I have a 1989 Ford Ranger 4WD. I bought a used Fisher Snowcaster 8ft plow. I know this plow is most likely a little heavy for this truck but that's what I have. I need to know where I can get the brackets that mount on the frame that will fit the Ford. Somewhere in the central Mass. area would be good. 
I'm considering adding some air shocks to the front to help beef up suspension. Only to be used on the farm.
If you can help or advise, it would be appreciated.
Thanks in Advance...


----------



## Buster F (Jun 12, 2006)

I'm pretty sure your gonna have to fab up mounts to put an 8' blade on a ranger. To the best of my knowledge the only plow mounts available for that truck were for smaller home-owner plows (6.5' or 7') and are not compatible with your 8' blade. The 8' speedcast blade is going to be grossly overweight for the front end of your truck and i'm guessing the truck will be way underpowered to push it as well. You may want to re-consider this combination.


----------



## itsgottobegreen (Mar 31, 2004)

U will snap the front end of that truck. Any of those year rangers needed air bags in the coils or you will snap the front end.
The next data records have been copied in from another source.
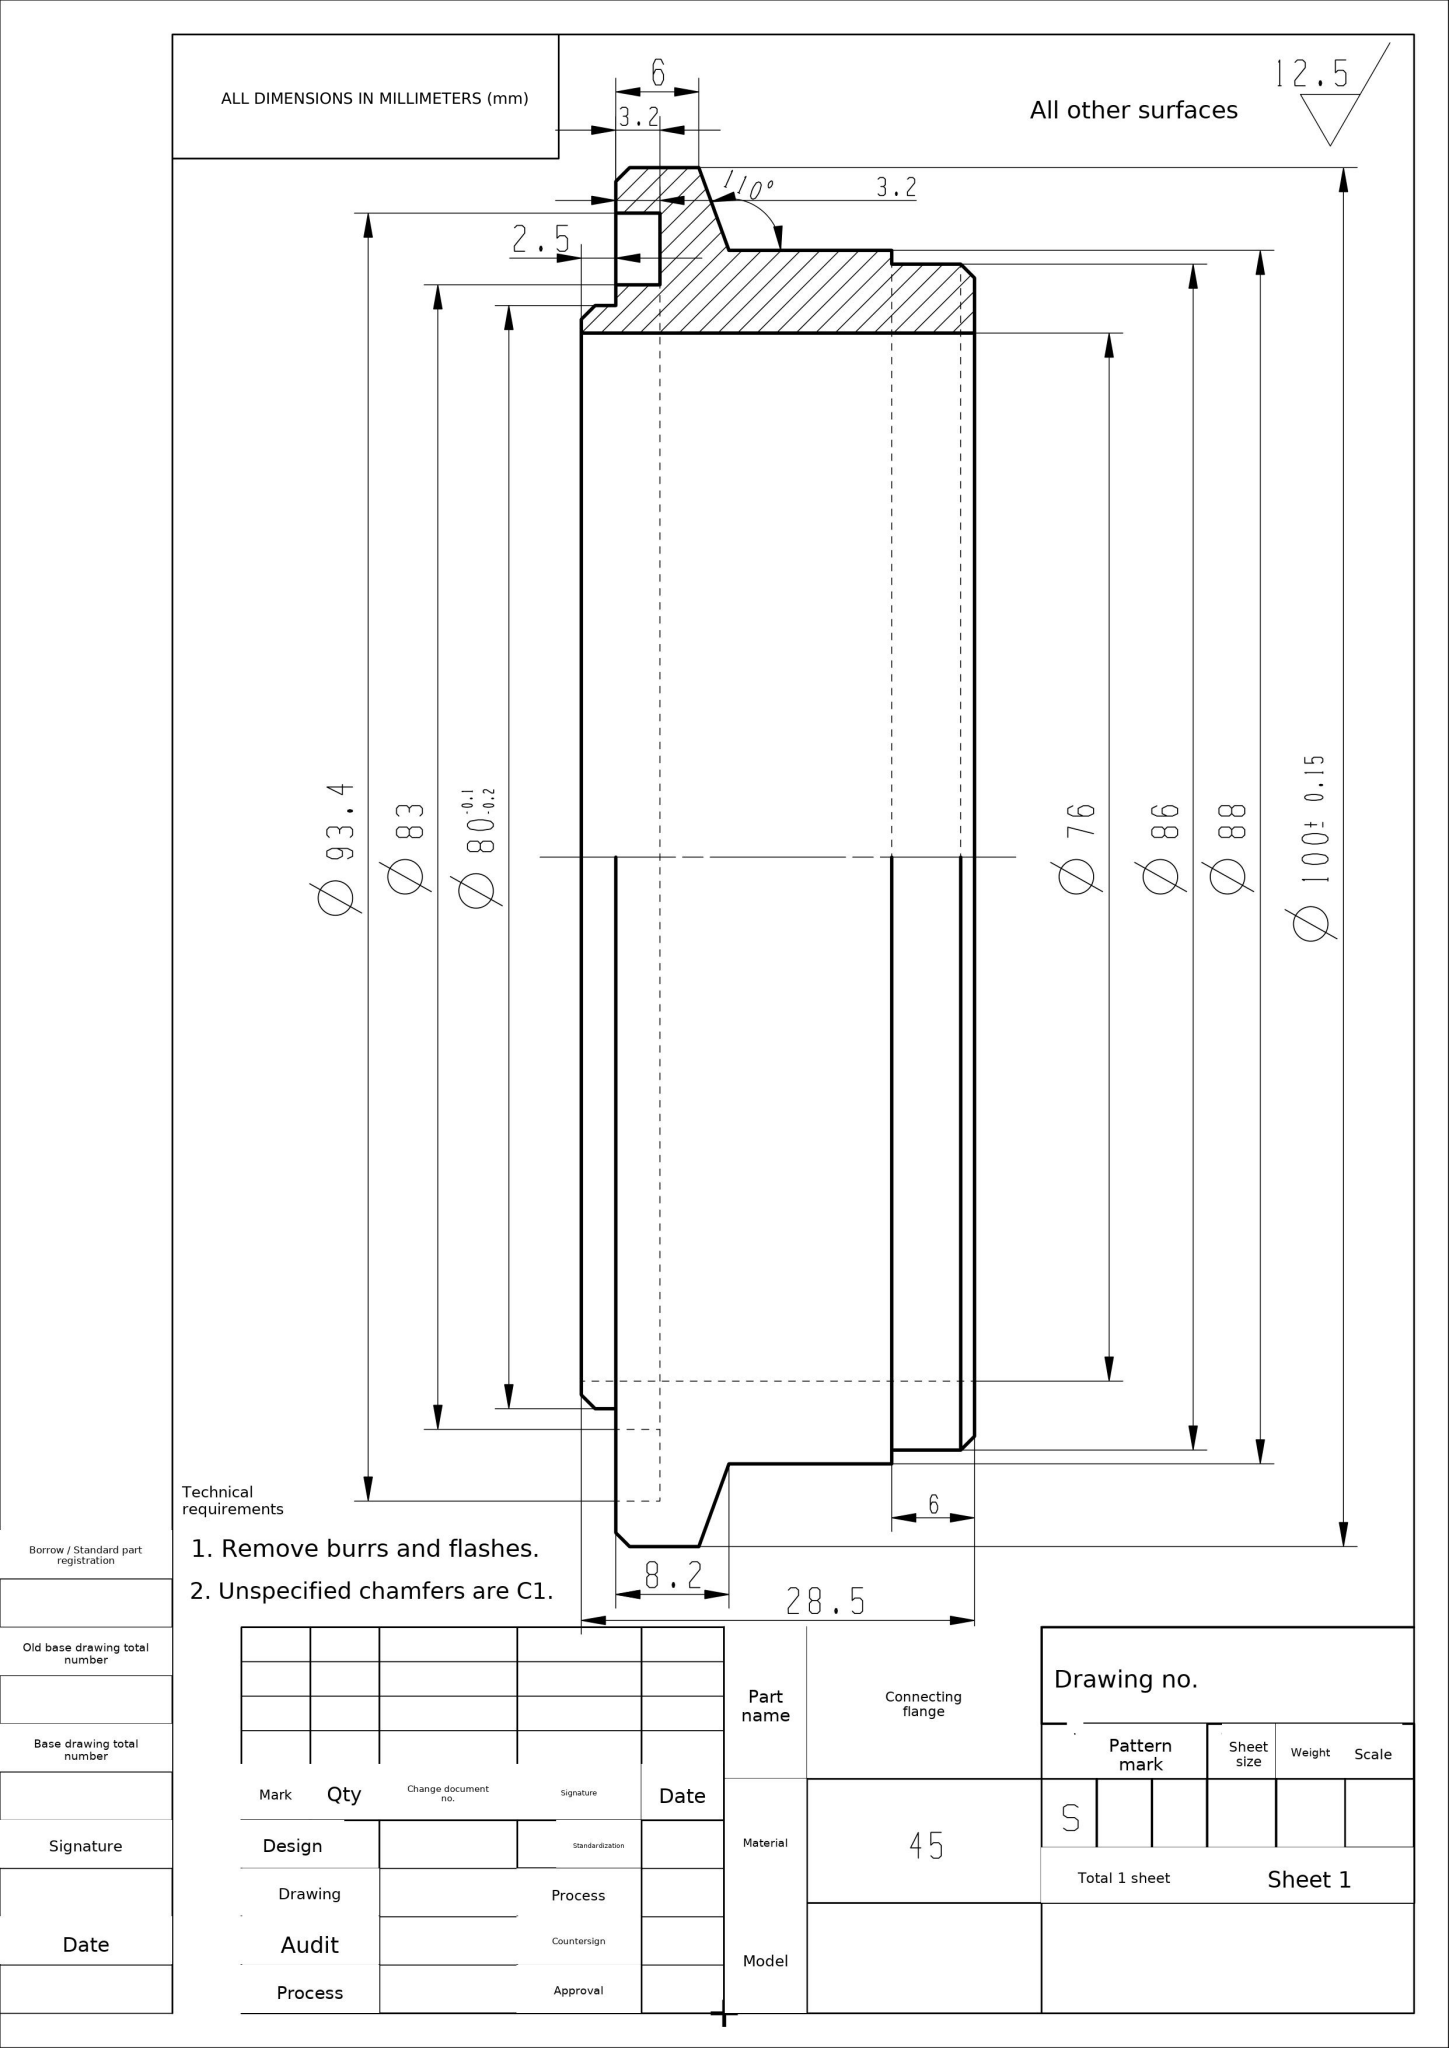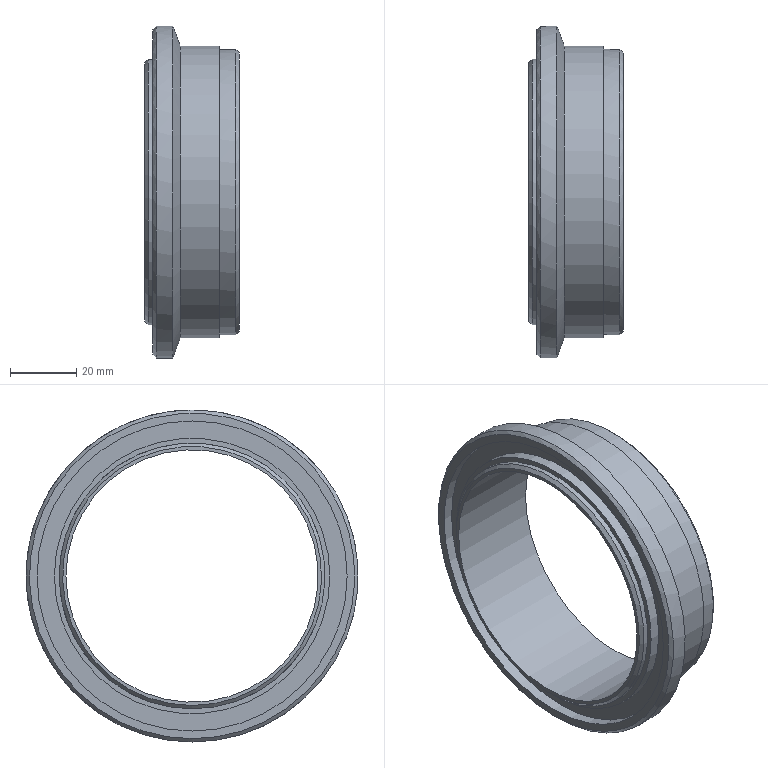Part | NX | mm | 1 solid | 17 faces | box 28.5 x 100 x 100 mm | volume 47300 mm3 | cylinder 7 | plane 6 | cone 4 | commonest cylinder face diameters 88 x1 100 x1 76 x1 80 x1 86 x1 93.4 x1 83 x1
STEP:
#1=CARTESIAN_POINT('',(0.,0.,0.));
#2=DIRECTION('',(0.,0.,1.));
#3=DIRECTION('',(1.,0.,0.));
#4=AXIS2_PLACEMENT_3D('',#1,#2,#3);
#5=(LENGTH_UNIT()NAMED_UNIT(*)SI_UNIT(.MILLI.,.METRE.));
#6=UNCERTAINTY_MEASURE_WITH_UNIT(LENGTH_MEASURE(0.00002),#5,'','');
#7=(NAMED_UNIT(*)PLANE_ANGLE_UNIT()SI_UNIT($,.RADIAN.));
#8=PLANE_ANGLE_MEASURE_WITH_UNIT(PLANE_ANGLE_MEASURE(0.01745),#7);
#9=DIMENSIONAL_EXPONENTS(0.,0.,0.,0.,0.,0.,0.);
#10=(CONVERSION_BASED_UNIT('',#8)NAMED_UNIT(#9)PLANE_ANGLE_UNIT());
#11=(NAMED_UNIT(*)SI_UNIT($,.STERADIAN.)SOLID_ANGLE_UNIT());
#12=(GEOMETRIC_REPRESENTATION_CONTEXT(3)GLOBAL_UNCERTAINTY_ASSIGNED_CONTEXT((#6))GLOBAL_UNIT_ASSIGNED_CONTEXT((#5,#10,#11))REPRESENTATION_CONTEXT('',''));
#13=SHAPE_REPRESENTATION('',(#4),#12);
#14=CARTESIAN_POINT('',(0.,40.,-0.));
#15=VERTEX_POINT('',#14);
#16=CARTESIAN_POINT('',(0.,0.,0.));
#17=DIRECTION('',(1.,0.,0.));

Forget the 8' plow, find something smaller.


----------



## basher (Nov 13, 2004)

mykl;423206 said:


> I have a 1989 Ford Ranger 4WD. I bought a used Fisher Snowcaster 8ft plow.
> If you can help or advise, it would be appreciated.
> Thanks in Advance...


Don't do it. You'll kill the truck, fast!


----------



## mykl (Nov 2, 2007)

*8ft fisher on ford ranger*

OK, Thanks to all for the info. 
Anyone want to swap an 8ft fisher with all hardware, incl pump, controls and lights for a smaller plow that will fit the Ford Ranger? I'm willing to swap + $ for one I can bolt right on.
Thanks.


----------